Adaptive Mechanism for Designing a Personalized Cranial Implant and Its 3D Printing Using PEEK

The rehabilitation of the skull’s bones is a difficult process that poses a challenge to the surgical team. Due to the range of design methods and the availability of materials, the main concerns are the implant design and material selection. Mirror-image reconstruction is one of the widely used implant reconstruction techniques, but it is not a feasible option in asymmetrical regions. The ideal design approach and material should result in an implant outcome that is compact, easy to fit, resilient, and provides the perfect aesthetic and functional outcomes irrespective of the location. The design technique for the making of the personalized implant must be easy to use and independent of the defect’s position on the skull. As a result, this article proposes a hybrid system that incorporates computer tomography acquisition, an adaptive design (or modeling) scheme, computational analysis, and accuracy assessment.

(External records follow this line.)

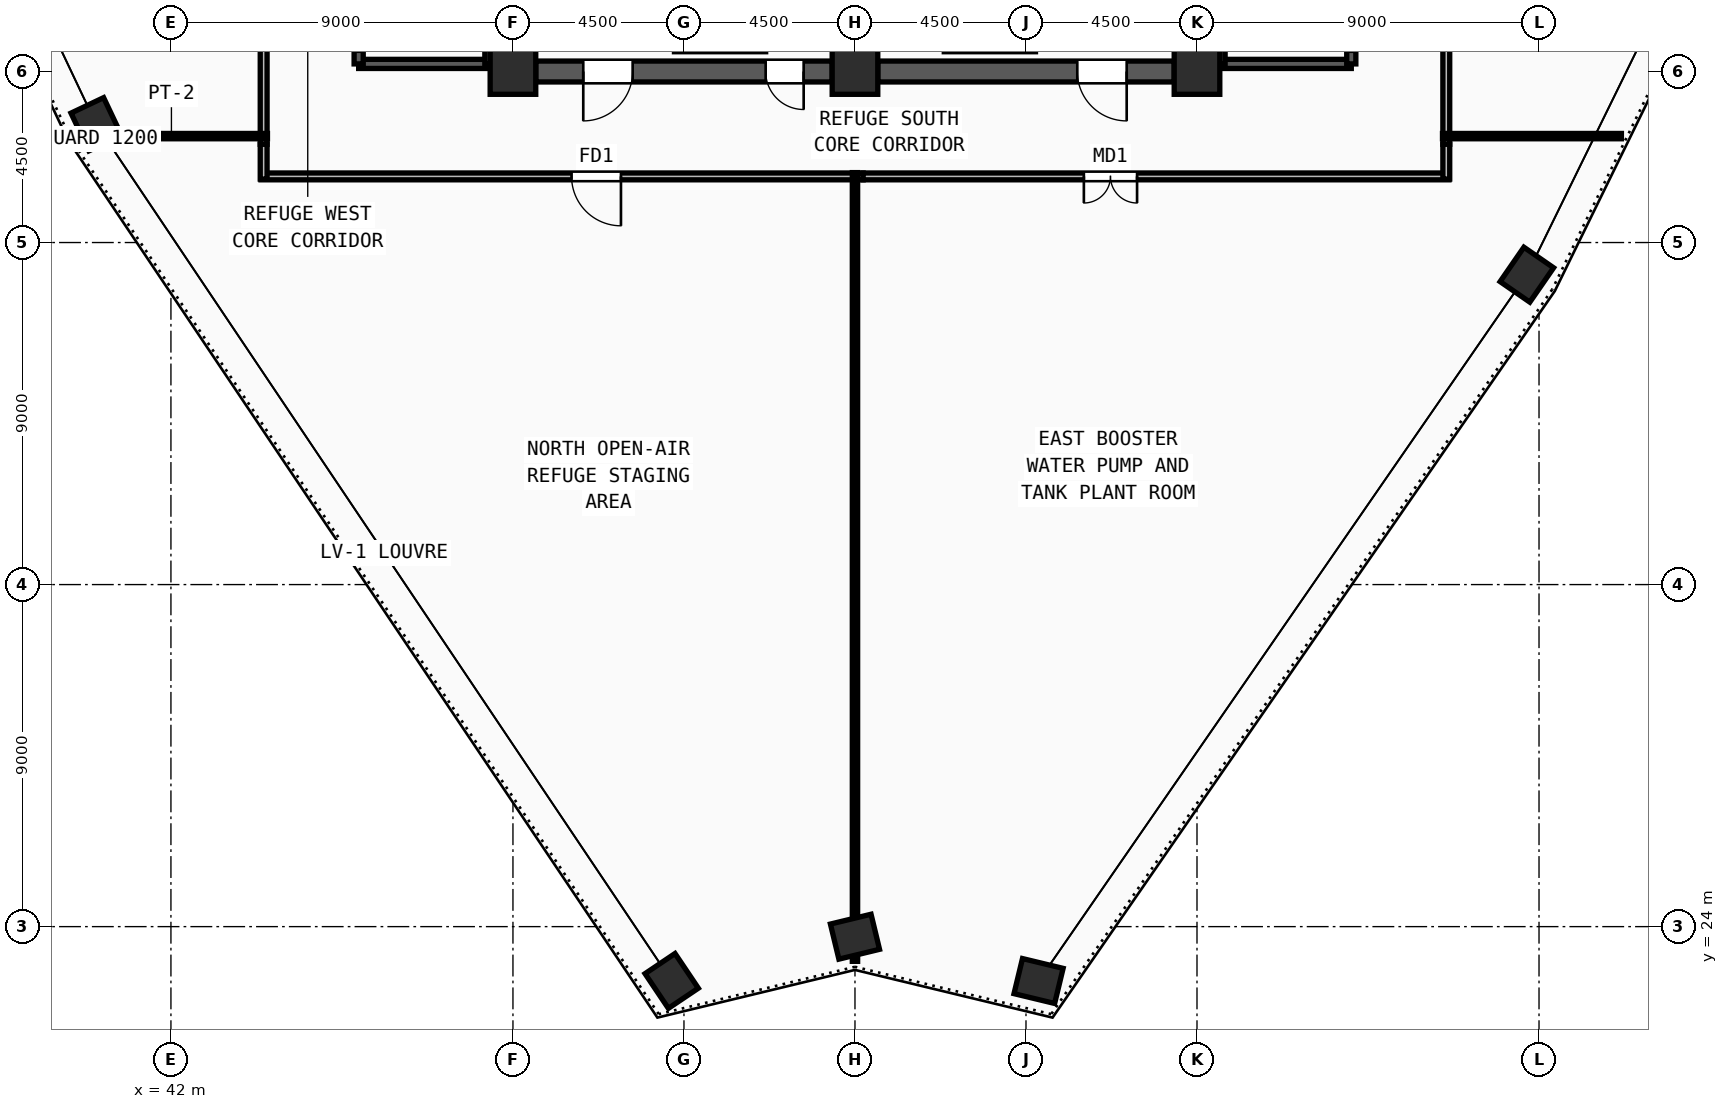
"""IFC4 building model, lengths in metres.
Left out: names, types, materials, properties, quantities, classifications, styles, units other than length and angle.
Written with IfcOpenShell. Run it as: python <this file> out.ifc"""

import sys

from ifc_helpers import new_model, si_unit, direction, frame, frame_2d, origin, origin_2d, place, context, subcontext, project, spatial, rectangle, extrude, source, transform, mapped, element, fill, save


model = new_model("IFC4")
c1 = context("Model", 3, precision=1e-05, world=origin(), true_north=direction((0.0, 1.0)))
c2 = subcontext(c1, "Body", "Model", "MODEL_VIEW")
j1 = project(units=[si_unit("LENGTHUNIT", "METRE"), si_unit("PLANEANGLEUNIT", "RADIAN")], contexts=[c1])
p1 = place(None, origin())
s1 = spatial("IfcSite", under=j1, at=p1, CompositionType="ELEMENT")
p2 = place(p1, origin())
s2 = spatial("IfcBuilding", under=s1, at=p2, CompositionType="ELEMENT")
p3 = place(p2, frame((0.0, 0.0, 324.0)))
s3 = spatial("IfcBuildingStorey", under=s2, at=p3, CompositionType="ELEMENT", Elevation=324.0)
m1 = source(origin(), c2, "Body", "SweptSolid", [
    extrude(rectangle(XDim=1.2, YDim=1.2, at=origin_2d()), origin(), (0.0, 0.0, 1.0), 4.5),
])
for number, where, z_axis, x_axis in (
    (1, (51.0, 46.5, 0.0), (0.0, 0.0, 1.0), (1.0, 0.0, 0.0)),
    (2, (60.0, 46.5, 0.0), (0.0, 0.0, 1.0), (1.0, 0.0, 0.0)),
    (3, (69.0, 46.5, 0.0), (0.0, 0.0, 1.0), (1.0, 0.0, 0.0)),
):
    element("IfcColumn", number, at=place(p3, frame(where, z_axis=z_axis, x_axis=x_axis)), inside=s3, PredefinedType="COLUMN", context=c2, shape_type="MappedRepresentation", body=[
        mapped(m1, transform((0.0, 0.0, 0.0), x_axis=(1.0, 0.0, 0.0), y_axis=(0.0, 1.0, 0.0), z_axis=(0.0, 0.0, 1.0), scale=1.0)),
    ])
m2 = source(origin(), c2, "Body", "SweptSolid", [
    extrude(rectangle(XDim=1.1, YDim=0.95, at=origin_2d()), origin(), (0.0, 0.0, 1.0), 4.5),
])
for number, where, z_axis, x_axis in (
    (4, (55.177, 22.571, 0.0), (0.0, 0.0, 1.0), (-0.558, 0.83, 0.0)),
    (5, (40.035, 45.112, 0.0), (0.0, 0.0, 1.0), (-0.428, 0.904, 0.0)),
    (6, (77.68, 41.154, 0.0), (0.0, 0.0, 1.0), (0.569, 0.823, 0.0)),
    (7, (64.831, 22.569, 0.0), (0.0, 0.0, 1.0), (-0.972, 0.235, 0.0)),
    (8, (60.0, 23.735, 0.0), (0.0, 0.0, 1.0), (0.972, 0.235, 0.0)),
):
    element("IfcColumn", number, at=place(p3, frame(where, z_axis=z_axis, x_axis=x_axis)), inside=s3, PredefinedType="COLUMN", context=c2, shape_type="MappedRepresentation", body=[
        mapped(m2, transform((0.0, 0.0, 0.0), x_axis=(1.0, 0.0, 0.0), y_axis=(0.0, 1.0, 0.0), z_axis=(0.0, 0.0, 1.0), scale=1.0)),
    ])
p4 = place(p3, frame((68.4, 46.5, 0.0), z_axis=(0.0, 0.0, 1.0), x_axis=(-1.0, 0.0, 0.0)))
e9 = element("IfcWall", 9, at=p4, inside=s3, PredefinedType="SHEAR", context=c2, shape_type="SweptSolid", body=[
    extrude(rectangle(XDim=7.8, YDim=0.55, at=frame_2d((3.9, 0.0))), origin(), (0.0, 0.0, 1.0), 4.32),
])
m3 = source(origin(), c2, "Body", "SweptSolid", [
    extrude(rectangle(XDim=1.3, YDim=2.2, at=frame_2d((0.65, 1.1))), frame((0.0, 0.285, 0.0), z_axis=(0.0, -1.0, 0.0), x_axis=(1.0, 0.0, 0.0)), (0.0, 0.0, 1.0), 0.57),
])
p5 = place(p4, frame((1.25, 0.0, 0.0)))
e10 = element("IfcOpeningElement", 10, at=p5, cuts=e9, PredefinedType="OPENING", context=c2, shape_type="MappedRepresentation", body=[
    mapped(m3, transform((0.0, 0.0, 0.0), x_axis=(1.0, 0.0, 0.0), y_axis=(0.0, 1.0, 0.0), z_axis=(0.0, 0.0, 1.0), scale=1.0)),
])
p6 = place(p3, frame((59.4, 46.5, 0.0), z_axis=(0.0, 0.0, 1.0), x_axis=(-1.0, 0.0, 0.0)))
e11 = element("IfcWall", 11, at=p6, inside=s3, PredefinedType="SHEAR", context=c2, shape_type="SweptSolid", body=[
    extrude(rectangle(XDim=7.8, YDim=0.55, at=frame_2d((3.9, 0.0))), origin(), (0.0, 0.0, 1.0), 4.32),
])
p7 = place(p6, frame((5.25, 0.0, 0.0)))
e12 = element("IfcOpeningElement", 12, at=p7, cuts=e11, PredefinedType="OPENING", context=c2, shape_type="MappedRepresentation", body=[
    mapped(m3, transform((0.0, 0.0, 0.0), x_axis=(1.0, 0.0, 0.0), y_axis=(0.0, 1.0, 0.0), z_axis=(0.0, 0.0, 1.0), scale=1.0)),
])
m4 = source(origin(), c2, "Body", "SweptSolid", [
    extrude(rectangle(XDim=1.0, YDim=2.2, at=frame_2d((0.5, 1.1))), frame((0.0, 0.285, 0.0), z_axis=(0.0, -1.0, 0.0), x_axis=(1.0, 0.0, 0.0)), (0.0, 0.0, 1.0), 0.57),
])
p8 = place(p6, frame((0.75, 0.0, 0.0)))
e13 = element("IfcOpeningElement", 13, at=p8, cuts=e11, PredefinedType="OPENING", context=c2, shape_type="MappedRepresentation", body=[
    mapped(m4, transform((0.0, 0.0, 0.0), x_axis=(1.0, 0.0, 0.0), y_axis=(0.0, 1.0, 0.0), z_axis=(0.0, 0.0, 1.0), scale=1.0)),
])
p9 = place(p3, frame((46.94, 46.7, 0.0), z_axis=(0.0, 0.0, 1.0), x_axis=(1.0, 0.0, 0.0)))
e14 = element("IfcWall", 14, at=p9, inside=s3, PredefinedType="SOLIDWALL", context=c2, shape_type="SweptSolid", body=[
    extrude(rectangle(XDim=3.44, YDim=0.24, at=frame_2d((1.72, 0.0))), origin(), (0.0, 0.0, 1.0), 4.32),
])
p10 = place(p3, frame((50.38, 46.7, 0.0), z_axis=(0.0, 0.0, 1.0), x_axis=(0.0, 1.0, 0.0)))
e15 = element("IfcWall", 15, at=p10, inside=s3, PredefinedType="SOLIDWALL", context=c2, shape_type="SweptSolid", body=[
    extrude(rectangle(XDim=7.82, YDim=0.24, at=frame_2d((3.91, 0.0))), origin(), (0.0, 0.0, 1.0), 4.32),
])
p11 = place(p3, frame((46.94, 54.52, 0.0), z_axis=(0.0, 0.0, 1.0), x_axis=(0.0, -1.0, 0.0)))
e16 = element("IfcWall", 16, at=p11, inside=s3, PredefinedType="SOLIDWALL", context=c2, shape_type="SweptSolid", body=[
    extrude(rectangle(XDim=7.82, YDim=0.24, at=frame_2d((3.91, 0.0))), origin(), (0.0, 0.0, 1.0), 4.32),
])
m5 = source(origin(), c2, "Body", "SweptSolid", [
    extrude(rectangle(XDim=1.2, YDim=2.2, at=frame_2d((0.6, 1.1))), frame((0.0, 0.13, 0.0), z_axis=(0.0, -1.0, 0.0), x_axis=(1.0, 0.0, 0.0)), (0.0, 0.0, 1.0), 0.26),
])
p12 = place(p11, frame((6.3, 0.0, 0.0)))
e17 = element("IfcOpeningElement", 17, at=p12, cuts=e16, PredefinedType="OPENING", context=c2, shape_type="MappedRepresentation", body=[
    mapped(m5, transform((0.0, 0.0, 0.0), x_axis=(1.0, 0.0, 0.0), y_axis=(0.0, 1.0, 0.0), z_axis=(0.0, 0.0, 1.0), scale=1.0)),
])
p13 = place(p3, frame((69.62, 46.7, 0.0), z_axis=(0.0, 0.0, 1.0), x_axis=(1.0, 0.0, 0.0)))
e18 = element("IfcWall", 18, at=p13, inside=s3, PredefinedType="SOLIDWALL", context=c2, shape_type="SweptSolid", body=[
    extrude(rectangle(XDim=3.44, YDim=0.24, at=frame_2d((1.72, 0.0))), origin(), (0.0, 0.0, 1.0), 4.32),
])
p14 = place(p3, frame((73.06, 46.7, 0.0), z_axis=(0.0, 0.0, 1.0), x_axis=(0.0, 1.0, 0.0)))
e19 = element("IfcWall", 19, at=p14, inside=s3, PredefinedType="SOLIDWALL", context=c2, shape_type="SweptSolid", body=[
    extrude(rectangle(XDim=7.82, YDim=0.24, at=frame_2d((3.91, 0.0))), origin(), (0.0, 0.0, 1.0), 4.32),
])
p15 = place(p14, frame((0.32, 0.0, 0.0)))
e20 = element("IfcOpeningElement", 20, at=p15, cuts=e19, PredefinedType="OPENING", context=c2, shape_type="MappedRepresentation", body=[
    mapped(m5, transform((0.0, 0.0, 0.0), x_axis=(1.0, 0.0, 0.0), y_axis=(0.0, 1.0, 0.0), z_axis=(0.0, 0.0, 1.0), scale=1.0)),
])
p16 = place(p3, frame((69.62, 54.52, 0.0), z_axis=(0.0, 0.0, 1.0), x_axis=(0.0, -1.0, 0.0)))
e21 = element("IfcWall", 21, at=p16, inside=s3, PredefinedType="SOLIDWALL", context=c2, shape_type="SweptSolid", body=[
    extrude(rectangle(XDim=7.82, YDim=0.24, at=frame_2d((3.91, 0.0))), origin(), (0.0, 0.0, 1.0), 4.32),
])
p17 = place(p3, frame((75.56, 67.015, 0.0), z_axis=(0.0, 0.0, 1.0), x_axis=(0.0, -1.0, 0.0)))
e22 = element("IfcWall", 22, at=p17, inside=s3, PredefinedType="PARTITIONING", context=c2, shape_type="SweptSolid", body=[
    extrude(rectangle(XDim=22.43, YDim=0.18, at=frame_2d((11.215, 0.0))), origin(), (0.0, 0.0, 1.0), 4.32),
])
m6 = source(origin(), c2, "Body", "SweptSolid", [
    extrude(rectangle(XDim=1.3, YDim=2.2, at=frame_2d((0.65, 1.1))), frame((0.0, 0.1, 0.0), z_axis=(0.0, -1.0, 0.0), x_axis=(1.0, 0.0, 0.0)), (0.0, 0.0, 1.0), 0.2),
])
p18 = place(p17, frame((10.565, 0.0, 0.0)))
e23 = element("IfcOpeningElement", 23, at=p18, cuts=e22, PredefinedType="OPENING", context=c2, shape_type="MappedRepresentation", body=[
    mapped(m6, transform((0.0, 0.0, 0.0), x_axis=(1.0, 0.0, 0.0), y_axis=(0.0, 1.0, 0.0), z_axis=(0.0, 0.0, 1.0), scale=1.0)),
])
p19 = place(p3, frame((60.215, 43.74, 0.0), z_axis=(0.0, 0.0, 1.0), x_axis=(-1.0, 0.0, 0.0)))
e24 = element("IfcWall", 24, at=p19, inside=s3, PredefinedType="PARTITIONING", context=c2, shape_type="SweptSolid", body=[
    extrude(rectangle(XDim=15.845, YDim=0.18, at=frame_2d((7.922, 0.0))), origin(), (0.0, 0.0, 1.0), 4.32),
])
p20 = place(p19, frame((6.373, 0.0, 0.0)))
e25 = element("IfcOpeningElement", 25, at=p20, cuts=e24, PredefinedType="OPENING", context=c2, shape_type="MappedRepresentation", body=[
    mapped(m6, transform((0.0, 0.0, 0.0), x_axis=(1.0, 0.0, 0.0), y_axis=(0.0, 1.0, 0.0), z_axis=(0.0, 0.0, 1.0), scale=1.0)),
])
p21 = place(p3, frame((75.63, 43.74, 0.0), z_axis=(0.0, 0.0, 1.0), x_axis=(-1.0, 0.0, 0.0)))
e26 = element("IfcWall", 26, at=p21, inside=s3, PredefinedType="PARTITIONING", context=c2, shape_type="SweptSolid", body=[
    extrude(rectangle(XDim=15.415, YDim=0.18, at=frame_2d((7.708, 0.0))), origin(), (0.0, 0.0, 1.0), 4.32),
])
m7 = source(origin(), c2, "Body", "SweptSolid", [
    extrude(rectangle(XDim=1.4, YDim=2.25, at=frame_2d((0.7, 1.125))), frame((0.0, 0.1, 0.0), z_axis=(0.0, -1.0, 0.0), x_axis=(1.0, 0.0, 0.0)), (0.0, 0.0, 1.0), 0.2),
])
p22 = place(p21, frame((8.207, 0.0, 0.0)))
e27 = element("IfcOpeningElement", 27, at=p22, cuts=e26, PredefinedType="OPENING", context=c2, shape_type="MappedRepresentation", body=[
    mapped(m7, transform((0.0, 0.0, 0.0), x_axis=(1.0, 0.0, 0.0), y_axis=(0.0, 1.0, 0.0), z_axis=(0.0, 0.0, 1.0), scale=1.0)),
])
p23 = place(p3, frame((44.44, 44.585, 0.0), z_axis=(0.0, 0.0, 1.0), x_axis=(0.0, 1.0, 0.0)))
e28 = element("IfcWall", 28, at=p23, inside=s3, PredefinedType="PARTITIONING", context=c2, shape_type="SweptSolid", body=[
    extrude(rectangle(XDim=2.755, YDim=0.18, at=frame_2d((1.377, 0.0))), origin(), (0.0, 0.0, 1.0), 4.32),
])
for number, where, z_axis, x_axis in (
    (29, (44.44, 43.67, 0.0), (0.0, 0.0, 1.0), (0.0, 1.0, 0.0)),
    (30, (75.56, 44.585, 0.0), (0.0, 0.0, 1.0), (0.0, -1.0, 0.0)),
):
    element("IfcWall", number, at=place(p3, frame(where, z_axis=z_axis, x_axis=x_axis)), inside=s3, PredefinedType="PARTITIONING", context=c2, shape_type="SweptSolid", body=[
        extrude(rectangle(XDim=0.915, YDim=0.18, at=frame_2d((0.458, 0.0))), origin(), (0.0, 0.0, 1.0), 4.32),
    ])
p24 = place(p3, frame((44.54, 44.8, 0.0), z_axis=(0.0, 0.0, 1.0), x_axis=(-1.0, 0.0, 0.0)))
e31 = element("IfcWall", 31, at=p24, inside=s3, PredefinedType="PARTITIONING", context=c2, shape_type="SweptSolid", body=[
    extrude(rectangle(XDim=5.054, YDim=0.14, at=frame_2d((2.527, 0.0))), origin(), (0.0, 0.0, 1.0), 4.32),
])
p25 = place(p3, frame((75.46, 44.8, 0.0), z_axis=(0.0, 0.0, 1.0), x_axis=(1.0, 0.0, 0.0)))
e32 = element("IfcWall", 32, at=p25, inside=s3, PredefinedType="PARTITIONING", context=c2, shape_type="SweptSolid", body=[
    extrude(rectangle(XDim=4.708, YDim=0.14, at=frame_2d((2.354, 0.0))), origin(), (0.0, 0.0, 1.0), 4.32),
])
p26 = place(p3, frame((60.0, 43.84, 0.0), z_axis=(0.0, 0.0, 1.0), x_axis=(0.0, -1.0, 0.0)))
e33 = element("IfcWall", 33, at=p26, inside=s3, PredefinedType="PARTITIONING", context=c2, shape_type="SweptSolid", body=[
    extrude(rectangle(XDim=20.753, YDim=0.14, at=frame_2d((10.376, 0.0))), origin(), (0.0, 0.0, 1.0), 4.32),
])
m8 = source(origin(), c2, "Body", "SweptSolid", [
    extrude(rectangle(XDim=1.3, YDim=2.2, at=frame_2d((0.65, 1.1))), frame((0.0, 0.025, 0.0), z_axis=(0.0, -1.0, 0.0), x_axis=(1.0, 0.0, 0.0)), (0.0, 0.0, 1.0), 0.05),
])
p27 = place(p7, origin())
e34 = element("IfcDoor", 34, at=p27, inside=s3, OperationType="SINGLE_SWING_RIGHT", PredefinedType="DOOR", context=c2, shape_type="MappedRepresentation", body=[
    mapped(m8, transform((0.0, 0.0, 0.0), x_axis=(1.0, 0.0, 0.0), y_axis=(0.0, 1.0, 0.0), z_axis=(0.0, 0.0, 1.0), scale=1.0)),
])
fill(e12, e34)
m9 = source(origin(), c2, "Body", "SweptSolid", [
    extrude(rectangle(XDim=1.0, YDim=2.2, at=frame_2d((0.5, 1.1))), frame((0.0, 0.025, 0.0), z_axis=(0.0, -1.0, 0.0), x_axis=(1.0, 0.0, 0.0)), (0.0, 0.0, 1.0), 0.05),
])
p28 = place(p8, origin())
e35 = element("IfcDoor", 35, at=p28, inside=s3, OperationType="SINGLE_SWING_LEFT", PredefinedType="DOOR", context=c2, shape_type="MappedRepresentation", body=[
    mapped(m9, transform((0.0, 0.0, 0.0), x_axis=(1.0, 0.0, 0.0), y_axis=(0.0, 1.0, 0.0), z_axis=(0.0, 0.0, 1.0), scale=1.0)),
])
fill(e13, e35)
p29 = place(p5, origin())
e36 = element("IfcDoor", 36, at=p29, inside=s3, OperationType="SINGLE_SWING_LEFT", PredefinedType="DOOR", context=c2, shape_type="MappedRepresentation", body=[
    mapped(m8, transform((0.0, 0.0, 0.0), x_axis=(1.0, 0.0, 0.0), y_axis=(0.0, 1.0, 0.0), z_axis=(0.0, 0.0, 1.0), scale=1.0)),
])
fill(e10, e36)
p30 = place(p20, origin())
e37 = element("IfcDoor", 37, at=p30, inside=s3, OperationType="SINGLE_SWING_LEFT", PredefinedType="DOOR", context=c2, shape_type="MappedRepresentation", body=[
    mapped(m8, transform((0.0, 0.0, 0.0), x_axis=(1.0, 0.0, 0.0), y_axis=(0.0, 1.0, 0.0), z_axis=(0.0, 0.0, 1.0), scale=1.0)),
])
fill(e25, e37)
m10 = source(origin(), c2, "Body", "SweptSolid", [
    extrude(rectangle(XDim=1.4, YDim=2.25, at=frame_2d((0.7, 1.125))), frame((0.0, 0.025, 0.0), z_axis=(0.0, -1.0, 0.0), x_axis=(1.0, 0.0, 0.0)), (0.0, 0.0, 1.0), 0.05),
])
p31 = place(p22, origin())
e38 = element("IfcDoor", 38, at=p31, inside=s3, OperationType="DOUBLE_DOOR_SINGLE_SWING", PredefinedType="DOOR", context=c2, shape_type="MappedRepresentation", body=[
    mapped(m10, transform((0.0, 0.0, 0.0), x_axis=(1.0, 0.0, 0.0), y_axis=(0.0, 1.0, 0.0), z_axis=(0.0, 0.0, 1.0), scale=1.0)),
])
fill(e27, e38)
save(model, sys.argv[1])

The newly developed hybrid approach aims to obtain ideal cranial implants that are unique to each patient and defect. Polyetheretherketone (PEEK) is chosen to fabricate the implant because it is a viable alternative to titanium implants for personalized implants, and because it is simpler to use, lighter, and sturdy enough to shield the brain. The aesthetic result or the fitting accuracy is adequate, with a maximum deviation of 0.59 mm in the outside direction. The results of the biomechanical analysis demonstrate that the maximum Von Mises stress (8.15 MPa), Von Mises strain (0.002), and deformation (0.18 mm) are all extremely low, and the factor of safety is reasonably high, highlighting the implant’s load resistance potential and safety under high loading. Moreover, the time it takes to develop an implant model for any cranial defect using the proposed modeling scheme is very fast, at around one hour. This study illustrates that the utilized 3D reconstruction method and PEEK material would minimize time-consuming alterations while also improving the implant’s fit, stability, and strength.